Direct Access to the Order Parameter: Parameterized Symmetry Modes and Rigid Body Movements as a Function of Temperature

Branton J. Campbell (et al.)

The first order phase transition of CsFeO2 was investigated using synchrotron powder diffraction data as a function of temperature. Two alternative approaches were used to describe the deviation of the framework crystal structure relative to the high-symmetry parent structure: symmetry (a.k.a. distortion) modes and polyhedral-tilt parameters. In both cases, the relevant parameters were refined as a function of temperature using the method of parametric Rietveld refinement. We demonstrate a semi-automated and generally applicable method for the determination of spontaneous lattice strain variations, order parameters and power-law exponents as derived from Landau theory.
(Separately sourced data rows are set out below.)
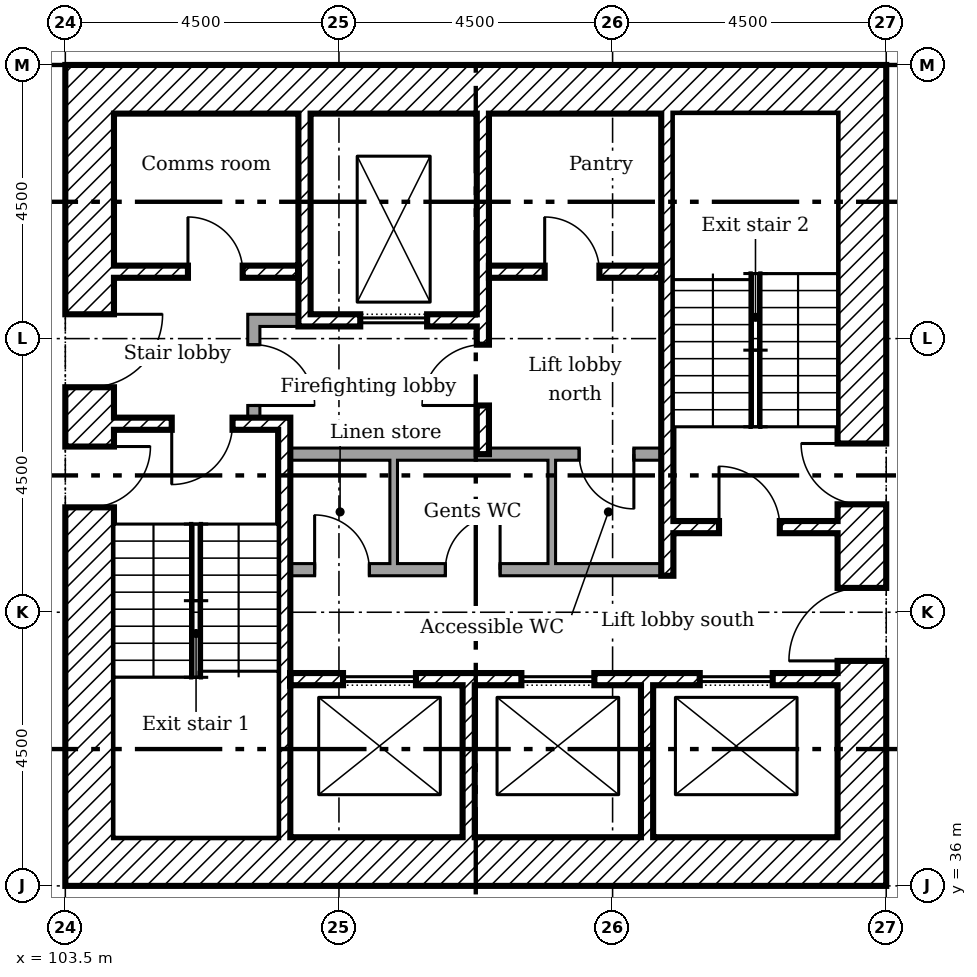
"""IFC4 building model, lengths in metres.
Left out: names, types, materials, properties, quantities, classifications, styles, units other than length and angle.
Written with IfcOpenShell. Run it as: python <this file> out.ifc"""

import sys

from ifc_helpers import new_model, si_unit, direction, frame, frame_2d, origin, place, context, subcontext, project, spatial, rectangle, extrude, element, fill, save


model = new_model("IFC4")
c1 = context("Model", 3, precision=1e-05, world=origin(), true_north=direction((0.0, 1.0)))
c2 = subcontext(c1, "Body", "Model", "MODEL_VIEW")
j1 = project(units=[si_unit("LENGTHUNIT", "METRE"), si_unit("PLANEANGLEUNIT", "RADIAN")], contexts=[c1])
p1 = place(None, origin())
s1 = spatial("IfcSite", under=j1, at=p1, CompositionType="ELEMENT")
p2 = place(p1, origin())
s2 = spatial("IfcBuilding", under=s1, at=p2, CompositionType="ELEMENT")
p3 = place(p2, frame((0.0, 0.0, 72.6)))
s3 = spatial("IfcBuildingStorey", under=s2, at=p3, CompositionType="ELEMENT", Elevation=72.6)
p4 = place(p3, frame((116.6, 36.0, 0.0), z_axis=(0.0, 0.0, 1.0), x_axis=(0.0, 1.0, 0.0)))
e1 = element("IfcWall", 1, at=p4, inside=s3, PredefinedType="SHEAR", context=c2, shape_type="SweptSolid", body=[
    extrude(rectangle(XDim=13.5, YDim=0.8, at=frame_2d((6.75, 0.0))), origin(), (0.0, 0.0, 1.0), 3.35),
])
p5 = place(p4, frame((3.7, 0.0, 0.0)))
e2 = element("IfcOpeningElement", 2, at=p5, cuts=e1, PredefinedType="OPENING", context=c2, shape_type="SweptSolid", body=[
    extrude(rectangle(XDim=1.2, YDim=2.1, at=frame_2d((0.6, 1.05))), frame((0.0, 0.41, 0.0), z_axis=(0.0, -1.0, 0.0), x_axis=(1.0, 0.0, 0.0)), (0.0, 0.0, 1.0), 0.82),
])
p6 = place(p4, frame((6.275, 0.0, 0.0)))
e3 = element("IfcOpeningElement", 3, at=p6, cuts=e1, PredefinedType="OPENING", context=c2, shape_type="SweptSolid", body=[
    extrude(rectangle(XDim=1.0, YDim=2.1, at=frame_2d((0.5, 1.05))), frame((0.0, 0.41, 0.0), z_axis=(0.0, -1.0, 0.0), x_axis=(1.0, 0.0, 0.0)), (0.0, 0.0, 1.0), 0.82),
])
for number, where in (
    (4, (104.3, 49.1, 0.0)),
    (5, (104.3, 36.4, 0.0)),
):
    element("IfcWall", number, at=place(p3, frame(where)), inside=s3, PredefinedType="SHEAR", context=c2, shape_type="SweptSolid", body=[
        extrude(rectangle(XDim=11.9, YDim=0.8, at=frame_2d((5.95, 0.0))), origin(), (0.0, 0.0, 1.0), 3.35),
    ])
p7 = place(p3, frame((103.9, 36.0, 0.0), z_axis=(0.0, 0.0, 1.0), x_axis=(0.0, 1.0, 0.0)))
e6 = element("IfcWall", 6, at=p7, inside=s3, PredefinedType="SHEAR", context=c2, shape_type="SweptSolid", body=[
    extrude(rectangle(XDim=13.5, YDim=0.8, at=frame_2d((6.75, 0.0))), origin(), (0.0, 0.0, 1.0), 3.35),
])
p8 = place(p7, frame((8.2, 0.0, 0.0)))
e7 = element("IfcOpeningElement", 7, at=p8, cuts=e6, PredefinedType="OPENING", context=c2, shape_type="SweptSolid", body=[
    extrude(rectangle(XDim=1.2, YDim=2.1, at=frame_2d((0.6, 1.05))), frame((0.0, 0.41, 0.0), z_axis=(0.0, -1.0, 0.0), x_axis=(1.0, 0.0, 0.0)), (0.0, 0.0, 1.0), 0.82),
])
p9 = place(p7, frame((6.225, 0.0, 0.0)))
e8 = element("IfcOpeningElement", 8, at=p9, cuts=e6, PredefinedType="OPENING", context=c2, shape_type="SweptSolid", body=[
    extrude(rectangle(XDim=1.0, YDim=2.1, at=frame_2d((0.5, 1.05))), frame((0.0, 0.41, 0.0), z_axis=(0.0, -1.0, 0.0), x_axis=(1.0, 0.0, 0.0)), (0.0, 0.0, 1.0), 0.82),
])
p10 = place(p3, frame((107.433, 48.7, 0.0), z_axis=(0.0, 0.0, 1.0), x_axis=(0.0, -1.0, 0.0)))
e9 = element("IfcWall", 9, at=p10, inside=s3, PredefinedType="SHEAR", context=c2, shape_type="SweptSolid", body=[
    extrude(rectangle(XDim=3.5, YDim=0.2, at=frame_2d((1.75, 0.0))), origin(), (0.0, 0.0, 1.0), 3.35),
])
p11 = place(p3, frame((110.367, 48.7, 0.0), z_axis=(0.0, 0.0, 1.0), x_axis=(0.0, -1.0, 0.0)))
e10 = element("IfcWall", 10, at=p11, inside=s3, PredefinedType="SHEAR", context=c2, shape_type="SweptSolid", body=[
    extrude(rectangle(XDim=5.6, YDim=0.2, at=frame_2d((2.8, 0.0))), origin(), (0.0, 0.0, 1.0), 3.35),
])
p12 = place(p11, frame((3.8, 0.0, 0.0)))
e11 = element("IfcOpeningElement", 11, at=p12, cuts=e10, PredefinedType="OPENING", context=c2, shape_type="SweptSolid", body=[
    extrude(rectangle(XDim=1.0, YDim=2.1, at=frame_2d((0.5, 1.05))), frame((0.0, 0.11, 0.0), z_axis=(0.0, -1.0, 0.0), x_axis=(1.0, 0.0, 0.0)), (0.0, 0.0, 1.0), 0.22),
])
for number, where, z_axis, x_axis in (
    (12, (110.133, 36.8, 0.0), (0.0, 0.0, 1.0), (0.0, 1.0, 0.0)),
    (13, (113.067, 36.8, 0.0), (0.0, 0.0, 1.0), (0.0, 1.0, 0.0)),
):
    element("IfcWall", number, at=place(p3, frame(where, z_axis=z_axis, x_axis=x_axis)), inside=s3, PredefinedType="SHEAR", context=c2, shape_type="SweptSolid", body=[
        extrude(rectangle(XDim=2.5, YDim=0.2, at=frame_2d((1.25, 0.0))), origin(), (0.0, 0.0, 1.0), 3.35),
    ])
p13 = place(p3, frame((106.5, 45.3, 0.0)))
e14 = element("IfcWall", 14, at=p13, inside=s3, PredefinedType="PARTITIONING", context=c2, shape_type="SweptSolid", body=[
    extrude(rectangle(XDim=0.833, YDim=0.2, at=frame_2d((0.417, 0.0))), origin(), (0.0, 0.0, 1.0), 3.35),
])
p14 = place(p3, frame((106.6, 43.7, 0.0), z_axis=(0.0, 0.0, 1.0), x_axis=(0.0, 1.0, 0.0)))
e15 = element("IfcWall", 15, at=p14, inside=s3, PredefinedType="PARTITIONING", context=c2, shape_type="SweptSolid", body=[
    extrude(rectangle(XDim=1.5, YDim=0.2, at=frame_2d((0.75, 0.0))), origin(), (0.0, 0.0, 1.0), 3.35),
])
p15 = place(p14, frame((0.2, 0.0, 0.0)))
e16 = element("IfcOpeningElement", 16, at=p15, cuts=e15, PredefinedType="OPENING", context=c2, shape_type="SweptSolid", body=[
    extrude(rectangle(XDim=1.0, YDim=2.1, at=frame_2d((0.5, 1.05))), frame((0.0, 0.11, 0.0), z_axis=(0.0, -1.0, 0.0), x_axis=(1.0, 0.0, 0.0)), (0.0, 0.0, 1.0), 0.22),
])
p16 = place(p3, frame((104.3, 46.1, 0.0)))
e17 = element("IfcWall", 17, at=p16, inside=s3, PredefinedType="SHEAR", context=c2, shape_type="SweptSolid", body=[
    extrude(rectangle(XDim=3.033, YDim=0.2, at=frame_2d((1.517, 0.0))), origin(), (0.0, 0.0, 1.0), 3.35),
])
p17 = place(p16, frame((1.217, 0.0, 0.0)))
e18 = element("IfcOpeningElement", 18, at=p17, cuts=e17, PredefinedType="OPENING", context=c2, shape_type="SweptSolid", body=[
    extrude(rectangle(XDim=0.9, YDim=2.1, at=frame_2d((0.45, 1.05))), frame((0.0, 0.11, 0.0), z_axis=(0.0, -1.0, 0.0), x_axis=(1.0, 0.0, 0.0)), (0.0, 0.0, 1.0), 0.22),
])
p18 = place(p3, frame((110.467, 46.1, 0.0)))
e19 = element("IfcWall", 19, at=p18, inside=s3, PredefinedType="SHEAR", context=c2, shape_type="SweptSolid", body=[
    extrude(rectangle(XDim=2.833, YDim=0.2, at=frame_2d((1.417, 0.0))), origin(), (0.0, 0.0, 1.0), 3.35),
])
p19 = place(p18, frame((0.917, 0.0, 0.0)))
e20 = element("IfcOpeningElement", 20, at=p19, cuts=e19, PredefinedType="OPENING", context=c2, shape_type="SweptSolid", body=[
    extrude(rectangle(XDim=0.9, YDim=2.1, at=frame_2d((0.45, 1.05))), frame((0.0, 0.11, 0.0), z_axis=(0.0, -1.0, 0.0), x_axis=(1.0, 0.0, 0.0)), (0.0, 0.0, 1.0), 0.22),
])
p20 = place(p3, frame((107.533, 45.3, 0.0)))
e21 = element("IfcWall", 21, at=p20, inside=s3, PredefinedType="SHEAR", context=c2, shape_type="SweptSolid", body=[
    extrude(rectangle(XDim=2.733, YDim=0.2, at=frame_2d((1.367, 0.0))), origin(), (0.0, 0.0, 1.0), 3.35),
])
p21 = place(p20, frame((0.817, 0.0, 0.0)))
e22 = element("IfcOpeningElement", 22, at=p21, cuts=e21, PredefinedType="OPENING", context=c2, shape_type="SweptSolid", body=[
    extrude(rectangle(XDim=1.1, YDim=2.1, at=frame_2d((0.55, 1.05))), frame((0.0, 0.11, 0.0), z_axis=(0.0, -1.0, 0.0), x_axis=(1.0, 0.0, 0.0)), (0.0, 0.0, 1.0), 0.22),
])
p22 = place(p3, frame((107.2, 39.4, 0.0)))
e23 = element("IfcWall", 23, at=p22, inside=s3, PredefinedType="SHEAR", context=c2, shape_type="SweptSolid", body=[
    extrude(rectangle(XDim=9.0, YDim=0.2, at=frame_2d((4.5, 0.0))), origin(), (0.0, 0.0, 1.0), 3.35),
])
p23 = place(p22, frame((0.867, 0.0, 0.0)))
e24 = element("IfcOpeningElement", 24, at=p23, cuts=e23, PredefinedType="OPENING", context=c2, shape_type="SweptSolid", body=[
    extrude(rectangle(XDim=1.2, YDim=2.1, at=frame_2d((0.6, 1.05))), frame((0.0, 0.11, 0.0), z_axis=(0.0, -1.0, 0.0), x_axis=(1.0, 0.0, 0.0)), (0.0, 0.0, 1.0), 0.22),
])
p24 = place(p22, frame((3.8, 0.0, 0.0)))
e25 = element("IfcOpeningElement", 25, at=p24, cuts=e23, PredefinedType="OPENING", context=c2, shape_type="SweptSolid", body=[
    extrude(rectangle(XDim=1.2, YDim=2.1, at=frame_2d((0.6, 1.05))), frame((0.0, 0.11, 0.0), z_axis=(0.0, -1.0, 0.0), x_axis=(1.0, 0.0, 0.0)), (0.0, 0.0, 1.0), 0.22),
])
p25 = place(p22, frame((6.733, 0.0, 0.0)))
e26 = element("IfcOpeningElement", 26, at=p25, cuts=e23, PredefinedType="OPENING", context=c2, shape_type="SweptSolid", body=[
    extrude(rectangle(XDim=1.2, YDim=2.1, at=frame_2d((0.6, 1.05))), frame((0.0, 0.11, 0.0), z_axis=(0.0, -1.0, 0.0), x_axis=(1.0, 0.0, 0.0)), (0.0, 0.0, 1.0), 0.22),
])
p26 = place(p3, frame((107.1, 36.8, 0.0), z_axis=(0.0, 0.0, 1.0), x_axis=(0.0, 1.0, 0.0)))
e27 = element("IfcWall", 27, at=p26, inside=s3, PredefinedType="SHEAR", context=c2, shape_type="SweptSolid", body=[
    extrude(rectangle(XDim=6.9, YDim=0.2, at=frame_2d((3.45, 0.0))), origin(), (0.0, 0.0, 1.0), 3.35),
])
p27 = place(p3, frame((104.3, 43.6, 0.0)))
e28 = element("IfcWall", 28, at=p27, inside=s3, PredefinedType="SHEAR", context=c2, shape_type="SweptSolid", body=[
    extrude(rectangle(XDim=2.7, YDim=0.2, at=frame_2d((1.35, 0.0))), origin(), (0.0, 0.0, 1.0), 3.35),
])
p28 = place(p27, frame((0.95, 0.0, 0.0)))
e29 = element("IfcOpeningElement", 29, at=p28, cuts=e28, PredefinedType="OPENING", context=c2, shape_type="SweptSolid", body=[
    extrude(rectangle(XDim=1.0, YDim=2.1, at=frame_2d((0.5, 1.05))), frame((0.0, 0.11, 0.0), z_axis=(0.0, -1.0, 0.0), x_axis=(1.0, 0.0, 0.0)), (0.0, 0.0, 1.0), 0.22),
])
p29 = place(p3, frame((113.5, 41.9, 0.0)))
e30 = element("IfcWall", 30, at=p29, inside=s3, PredefinedType="SHEAR", context=c2, shape_type="SweptSolid", body=[
    extrude(rectangle(XDim=2.7, YDim=0.2, at=frame_2d((1.35, 0.0))), origin(), (0.0, 0.0, 1.0), 3.35),
])
p30 = place(p29, frame((0.75, 0.0, 0.0)))
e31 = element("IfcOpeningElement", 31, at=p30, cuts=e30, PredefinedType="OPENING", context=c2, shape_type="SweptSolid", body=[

Gd₅Si_4-xBi_x Structures: Novel Slab Sequences Achieved by Turning off the Directionality of Nearest-Slab Interactions

Branton J. Campbell (et al.)

Substitution of Bi for Si leads to the complete cleavage of the interslab dimers T-T in the Gd5Si4-xBix system with x = 1.58 - 2.42 (T is a mixture of Si and Bi). Equivalence of the interslab T ... T contacts, achieved through combination of the electronic and geometrical parameters, removes directionality of nearest-slab interactions and allows for a novel slab stacking. Two new slab sequences, ABCDABCD (x = 2.07, I4(1)/acd space group) and ABADABAD (x = 2.42, P4(2)bc), have been discovered in Gd5Si4-xBix in addition to the known one, ABAB, that is dominant among the RE5X4 phases (RE is a rare-earth element, X is a p-element). The slab stacking for x = 2.07 and x = 2.42 is dictated by the second-nearest slab interactions which promote an origin shift either for the entire slab sequence as in ABCDABCD or for every other second-nearest slab pair as in ABADABAD. The loss of the directionality of the nearest-slab bonding allows for extensive stacking faults and leads to diffuse scattering.